To put your mind at rest I had the same thoughts about dog walkers but a decent dog walker will be police checked and insured and quite happily provide all this documentation, my dog walker came round three times to meet us and the dogs before she was allowed to take my dogs out and even then the first 2 walks I went with her....now I don't know what I would do with out her she is my doggy guardian angel I have a really good relationship with her and she helps out with all sorts of doggy related dilemas she is like a second mum to them and they adore her.


----------



## Elles (Aug 15, 2011)

I wouldn't suggest that you are a cruel person, but I would suggest that what you were considering to do would be cruel. A young pup left on his own for many hours will be quite distressed about it and may express that distress in a number of different ways, as others have already said. He may also get himself into the kind of trouble that would mean you would return to an injured pup, or even worse.

If you wouldn't want to leave your pup in the hands of strangers, or allow strangers to see to him during the days he has to be on his own, I would suggest you look for daycare or walkers now. Find yourself someone who is recommended and trustworthy and get to know them. They wouldn't then be strangers and your pup would be far happier and far less likely to suffer anxieties from being left alone. 

I strongly urge you to really consider LexiLou2's suggestions.


----------



## Polimba (Nov 23, 2009)

LexiLou2 said:


> To put your mind at rest I had the same thoughts about dog walkers but a decent dog walker will be police checked and insured and quite happily provide all this documentation, my dog walker came round three times to meet us and the dogs before she was allowed to take my dogs out and even then the first 2 walks I went with her....now I don't know what I would do with out her she is my doggy guardian angel I have a really good relationship with her and she helps out with all sorts of doggy related dilemas she is like a second mum to them and they adore her.


Similar to us, our dog walker has become one of my best friends. Zimba has his 'holiday home' with her and her dogs when we go away. He loves it 

What breed is your pup Robert?

We did the start as we mean to go on method with our puppy. We got him used to being left from the start. You will have to build it up in stages I think over the next few days. I don't know what else to suggest. I think even if you do take him to work you need to teach him he can't be with you 24/7 or when you need need to leave him it was will be a nightmare.


----------



## R0bert (Oct 24, 2011)

Polimba said:


> What breed is your pup Robert?


Its a Danish/Swedish Farm Dog, 9 weeks old yesterday, and he's absolutly adorable :001_wub:

The pup's the bottom one if you couldnt already guess


----------



## Mama Sass (Sep 8, 2009)

I am sure your pup is adorable but if you were planning in leaving him at for 9 hours at 9 weeks old then you clearly have not done any research at all in to what a puppy needs at that age.

Please please read up on what needs to be done before you even consider leaving him alone for a big length of time, there is loads of info out there...I am not saying that a dog cannot be left at all ever, and I am not saying that you cannot have a job and a dog.
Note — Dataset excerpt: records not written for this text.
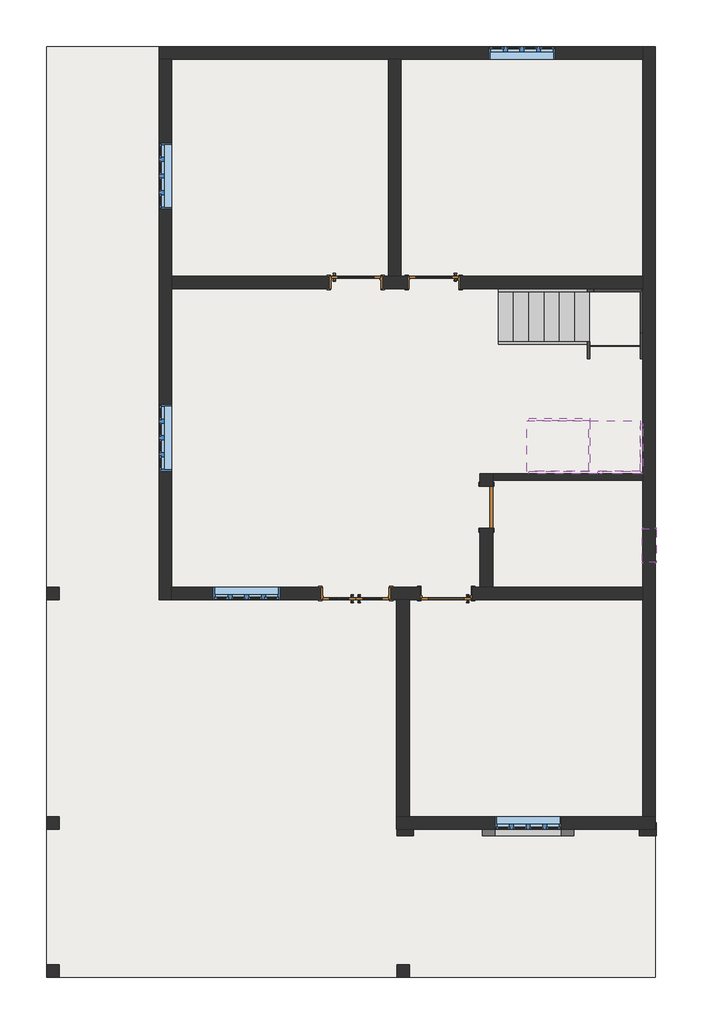
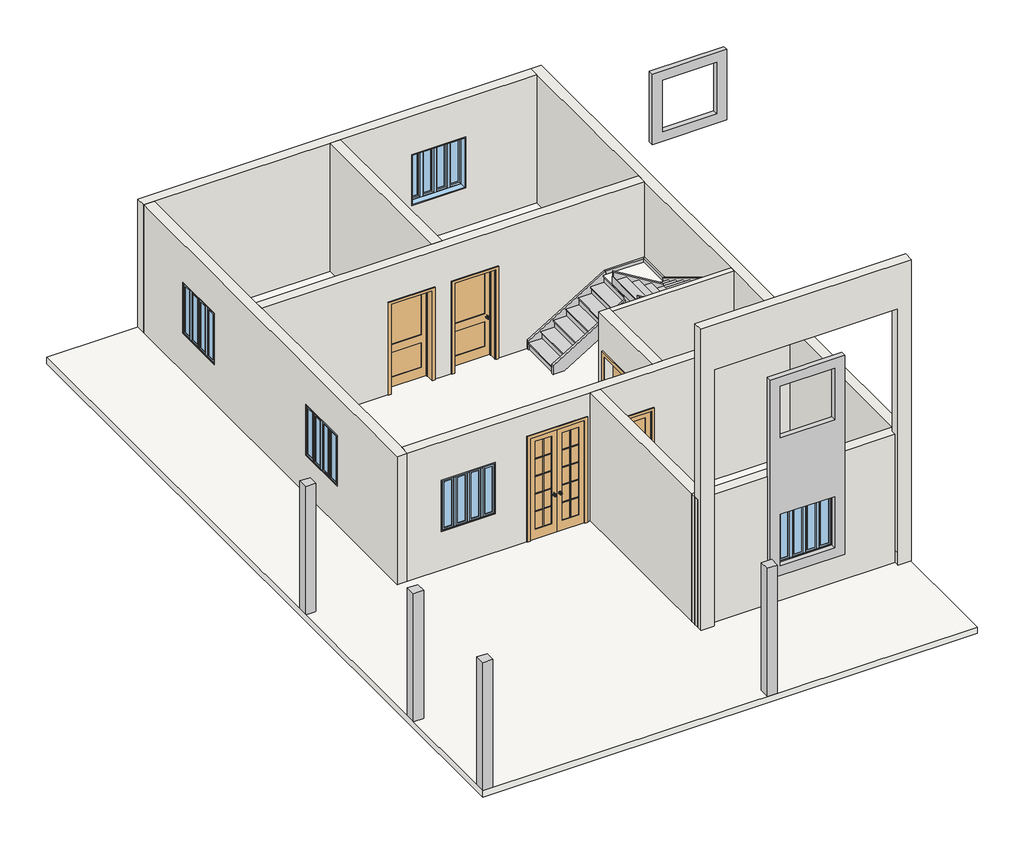
# One storey: 11 walls, 10 members, 6 columns, 6 windows, 5 doors, 3 slabs, 3 stair flights, 1 proxy.
"""IFC4 building model written with IfcOpenShell, lengths in millimetres."""

from ifc_helpers import new_model, si_unit, frame, origin, origin_with_axes, place, context, project, spatial, polyline, outline, extrude, faceted_brep, transform, mapped, element, save
from components import generic_models_1_generic_models_1_5e281b0c, door_interior_double_full_glass_wood_4_x_8_door_7870f6d1, door_interior_single_2_panel_wood_3_x_7_door_08fe406f, door_interior_single_2_panel_wood_3_x_7_door_700963f9, door_e31f6e4d, non_monolithic_landing_245f9fea, non_monolithic_landing_4f0ba0af, stair_flight_dd3871da, stair_flight_788f3b80, stair_flight_82b2d532, window_casement_multi_sash_horizontal_4_x_4_8de01852, window_6da96920

model = new_model("IFC4")

# Units and contexts
model_context = context("Model", 3, world=origin())
ifc_project = project(units=[si_unit("LENGTHUNIT", "METRE", prefix="MILLI")], contexts=[model_context])

# Site, building, storey
site = spatial("IfcSite", under=ifc_project)
building = spatial("IfcBuilding", under=site)
storey = spatial("IfcBuildingStorey", under=building, Elevation=0.0)

# Proxy
placement = place(None, origin())
generic_models_1_generic_models_1_shape = generic_models_1_generic_models_1_5e281b0c(model_context)
element("IfcBuildingElementProxy", 1, Name="Generic Models 1 : Generic Models 1", ObjectType="Generic Models 1 : Generic Models 1", at=placement, inside=storey, context=model_context, shape_type="MappedRepresentation", body=[
    mapped(generic_models_1_generic_models_1_shape, transform((0.0, 0.0, 0.0), x_axis=(1.0, 0.0, 0.0), y_axis=(0.0, 1.0, 0.0), z_axis=(0.0, 0.0, 1.0))),
])

# Columns
element("IfcColumn", 2, ObjectType="Rectangular Column : 9\" X 9\" COLUMN", at=placement, inside=storey, context=model_context, shape_type="SweptSolid", body=[
    extrude(outline(polyline([(-4334.4608498, -5108.7884134), (-4105.8608498, -5108.7884134), (-4105.8608498, -5222.3884134), (-4334.4608498, -5222.3884134), (-4334.4608498, -5108.7884134)])), origin_with_axes(), (0.0, 0.0, 1.0), 3048.0),
])
element("IfcColumn", 3, ObjectType="Rectangular Column : 9\" X 9\" COLUMN", at=placement, inside=storey, context=model_context, shape_type="SweptSolid", body=[
    extrude(outline(polyline([(-4105.8608498, -916.3884134), (-4105.8608498, -1144.9884134), (-4334.4608498, -1144.9884134), (-4334.4608498, -916.3884134), (-4105.8608498, -916.3884134)])), origin_with_axes(), (0.0, 0.0, 1.0), 3048.0),
])
element("IfcColumn", 4, ObjectType="Rectangular Column : 9\" X 9\" COLUMN", at=placement, inside=storey, context=model_context, shape_type="SweptSolid", body=[
    extrude(outline(polyline([(-10504.5608498, -916.3884134), (-10504.5608498, -1144.9884134), (-10733.1608498, -1144.9884134), (-10733.1608498, -916.3884134), (-10504.5608498, -916.3884134)])), origin_with_axes(), (0.0, 0.0, 1.0), 3048.0),
])
element("IfcColumn", 5, ObjectType="Rectangular Column : 9\" X 9\" COLUMN", at=placement, inside=storey, context=model_context, shape_type="SweptSolid", body=[
    extrude(outline(polyline([(-10504.5608498, -5108.7884134), (-10504.5608498, -5337.3884134), (-10733.1608498, -5337.3884134), (-10733.1608498, -5108.7884134), (-10504.5608498, -5108.7884134)])), origin_with_axes(), (0.0, 0.0, 1.0), 3048.0),
])
element("IfcColumn", 6, ObjectType="Rectangular Column : 9\" X 9\" COLUMN", at=placement, inside=storey, context=model_context, shape_type="SweptSolid", body=[
    extrude(outline(polyline([(-4105.8608498, -7814.5884134), (-4105.8608498, -8043.1884134), (-4334.4608498, -8043.1884134), (-4334.4608498, -7814.5884134), (-4105.8608498, -7814.5884134)])), origin_with_axes(), (0.0, 0.0, 1.0), 3048.0),
])
element("IfcColumn", 7, ObjectType="Rectangular Column : 9\" X 9\" COLUMN", at=placement, inside=storey, context=model_context, shape_type="SweptSolid", body=[
    extrude(outline(polyline([(-10504.5608498, -7814.5884134), (-10504.5608498, -8043.1884134), (-10733.1608498, -8043.1884134), (-10733.1608498, -7814.5884134), (-10504.5608498, -7814.5884134)])), origin_with_axes(), (0.0, 0.0, 1.0), 3048.0),
])

# Doors
door_interior_double_full_glass_wood_4_x_8_door_shape = door_interior_double_full_glass_wood_4_x_8_door_7870f6d1(model_context)
element("IfcDoor", 8, ObjectType="Door-Interior-Double-Full Glass-Wood : 4' X 8' DOOR", at=placement, inside=storey, context=model_context, shape_type="MappedRepresentation", body=[
    mapped(door_interior_double_full_glass_wood_4_x_8_door_shape, transform((-5084.4608498, -1033.8634134, 0.0), x_axis=(-1.0, 0.0, 0.0), y_axis=(0.0, -1.0, 0.0), z_axis=(0.0, 0.0, 1.0))),
])
door_interior_single_2_panel_wood_3_x_7_door_shape = door_interior_single_2_panel_wood_3_x_7_door_08fe406f(model_context)
element("IfcDoor", 9, ObjectType="Door-Interior-Single-2_Panel-Wood : 3' x 7' door", at=placement, inside=storey, context=model_context, shape_type="MappedRepresentation", body=[
    mapped(door_interior_single_2_panel_wood_3_x_7_door_shape, transform((-3430.6608498, -1033.8634134, 0.0), x_axis=(-1.0, 0.0, 0.0), y_axis=(0.0, -1.0, 0.0), z_axis=(0.0, 0.0, 1.0))),
])
element("IfcDoor", 10, ObjectType="Door-Interior-Single-2_Panel-Wood : 3' x 7' door", at=placement, inside=storey, context=model_context, shape_type="MappedRepresentation", body=[
    mapped(door_interior_single_2_panel_wood_3_x_7_door_shape, transform((-5081.6608498, 4648.6865866, 0.0), x_axis=(1.0, 0.0, 0.0), y_axis=(0.0, 1.0, 0.0), z_axis=(0.0, 0.0, 1.0))),
])
door_interior_single_2_panel_wood_3_x_7_door_2_shape = door_interior_single_2_panel_wood_3_x_7_door_700963f9(model_context)
element("IfcDoor", 11, ObjectType="Door-Interior-Single-2_Panel-Wood : 3' x 7' door", at=placement, inside=storey, context=model_context, shape_type="MappedRepresentation", body=[
    mapped(door_interior_single_2_panel_wood_3_x_7_door_2_shape, transform((-3657.8608498, 4648.6865866, 0.0), x_axis=(-1.0, 0.0, 0.0), y_axis=(0.0, -1.0, 0.0), z_axis=(0.0, 0.0, 1.0))),
])
door_shape = door_e31f6e4d(model_context)
element("IfcDoor", 12, ObjectType="Single-Flush : 2'6\" x 7'", at=placement, inside=storey, context=model_context, shape_type="MappedRepresentation", body=[
    mapped(door_shape, transform((-2696.1608498, 542.7115866, 0.0), x_axis=(0.0, 1.0, 0.0), y_axis=(-1.0, 0.0, 0.0), z_axis=(0.0, 0.0, 1.0))),
])

# Members
element("IfcMember", 13, ObjectType="Stringer - 2\" Width", at=placement, inside=storey, context=model_context, shape_type="SweptSolid", body=[
    extrude(outline(polyline([(212.114512, -2479.5608498), (0.0, -2479.5608498), (0.0, -2241.475338), (956.7333333, -662.865338), (1261.5333333, -748.0197945), (212.114512, -2479.5608498)])), frame((0.0, 4479.7115866, 0.0), z_axis=(0.0, 1.0, 0.0), x_axis=(0.0, 0.0, 1.0)), (0.0, 0.0, 1.0), 50.8),
])
element("IfcMember", 14, ObjectType="Stringer - 2\" Width", at=placement, inside=storey, context=model_context, shape_type="SweptSolid", body=[
    extrude(outline(polyline([(212.114512, -2479.5608498), (0.0, -2479.5608498), (0.0, -2241.475338), (840.9178717, -853.9608498), (1197.3266332, -853.9608498), (212.114512, -2479.5608498)])), frame((0.0, 3514.5115866, 0.0), z_axis=(0.0, 1.0, 0.0), x_axis=(0.0, 0.0, 1.0)), (0.0, 0.0, 1.0), 50.8),
])
element("IfcMember", 15, ObjectType="Stringer - 2\" Width", at=placement, inside=storey, context=model_context, shape_type="SweptSolid", body=[
    extrude(outline(polyline([(3738.7705314, 1261.5333333), (3653.6160748, 956.7333333), (1977.2160748, 1972.7333333), (2062.3705314, 2277.5333333), (3738.7705314, 1261.5333333)])), frame((111.2391502, 0.0, 0.0), z_axis=(1.0, 0.0, 0.0), x_axis=(0.0, 1.0, 0.0)), (0.0, 0.0, 1.0), 50.8),
])
element("IfcMember", 16, ObjectType="Stringer - 2\" Width", at=placement, inside=storey, context=model_context, shape_type="Brep", body=[
    faceted_brep([(-803.1608498, 3565.3115866, 1366.6599665), (-853.9608498, 3565.3115866, 1366.6599665), (-853.9608498, 2168.3115866, 2213.3266332), (-803.1608498, 2168.3115866, 2213.3266332), (-803.1608498, 3565.3115866, 1010.251205), (-803.1608498, 2168.3115866, 2057.0390838), (-803.1608498, 2168.3115866, 1856.9178717), (-853.9608498, 3565.3115866, 1010.251205), (-853.9608498, 2168.3115866, 1856.9178717)], [[[0, 1, 2, 3]], [[4, 0, 3, 5, 6]], [[7, 4, 6, 8]], [[1, 7, 8, 2]], [[1, 0, 4, 7]], [[2, 8, 6, 5, 3]]]),
])
element("IfcMember", 17, ObjectType="Stringer - 2\" Width", at=placement, inside=storey, context=model_context, shape_type="Brep", body=[
    faceted_brep([(111.2391502, 3738.7705314, 1261.5333333), (162.0391502, 3738.7705314, 1261.5333333), (162.0391502, 4530.5115866, 1261.5333333), (111.2391502, 4479.7115866, 1261.5333333), (111.2391502, 3653.6160748, 956.7333333), (111.2391502, 4479.7115866, 956.7333333), (162.0391502, 3653.6160748, 956.7333333), (162.0391502, 4530.5115866, 956.7333333)], [[[0, 1, 2, 3]], [[4, 0, 3, 5]], [[6, 4, 5, 7]], [[1, 6, 7, 2]], [[1, 0, 4, 6]], [[2, 7, 5, 3]]]),
])
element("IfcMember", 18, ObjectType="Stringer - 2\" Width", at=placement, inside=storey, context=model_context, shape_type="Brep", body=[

But I am saying is that puppies are a lot of hard work, they need time and effort put in to them for at least the first year of their lives - otherwise you'll end up with at best, a bored destrcutive puppy and and worst a stressed out, nervous puppy with seperation anxiety. Build the time up gradually and he may be OK but he will still need someone to come in and let him out half way through the day.

I work at a rehoming centre and every day I get phone calls from people like you but six months down the line from where you are now - people who have taken on a puppy without doing their research and one day they wake up and realise they have done it all wrong and need to get rid of the poor dog 'because they simply do not have time to look after it'.

And yes, puppies do disrupt your sleep for at least a few weeks (it was about 6 weeks for us). They need taking to the toilet in the middle of the night because their bladders simply aren't big enough to hold a large amount of wee, and they need reassurance from you because they've just gone through a massive change in their lives. Frankly this information should not be a shock to you.

I am sorry if I am sounding unhelpful and harsh but working where I do I get rather fed up with it all - take the advice from the good people on here, do some research and you will have a happy confident dog - do it your way and I dare say you'll be handing him over to the rehoming centre in six months.


----------



## Clare7435 (Dec 17, 2009)

LexiLou2 said:


> To put your mind at rest I had the same thoughts about dog walkers but a decent dog walker will be police checked and insured and quite happily provide all this documentation, my dog walker came round three times to meet us and the dogs before she was allowed to take my dogs out and even then the first 2 walks I went with her....now I don't know what I would do with out her she is my doggy guardian angel I have a really good relationship with her and she helps out with all sorts of doggy related dilemas she is like a second mum to them and they adore her.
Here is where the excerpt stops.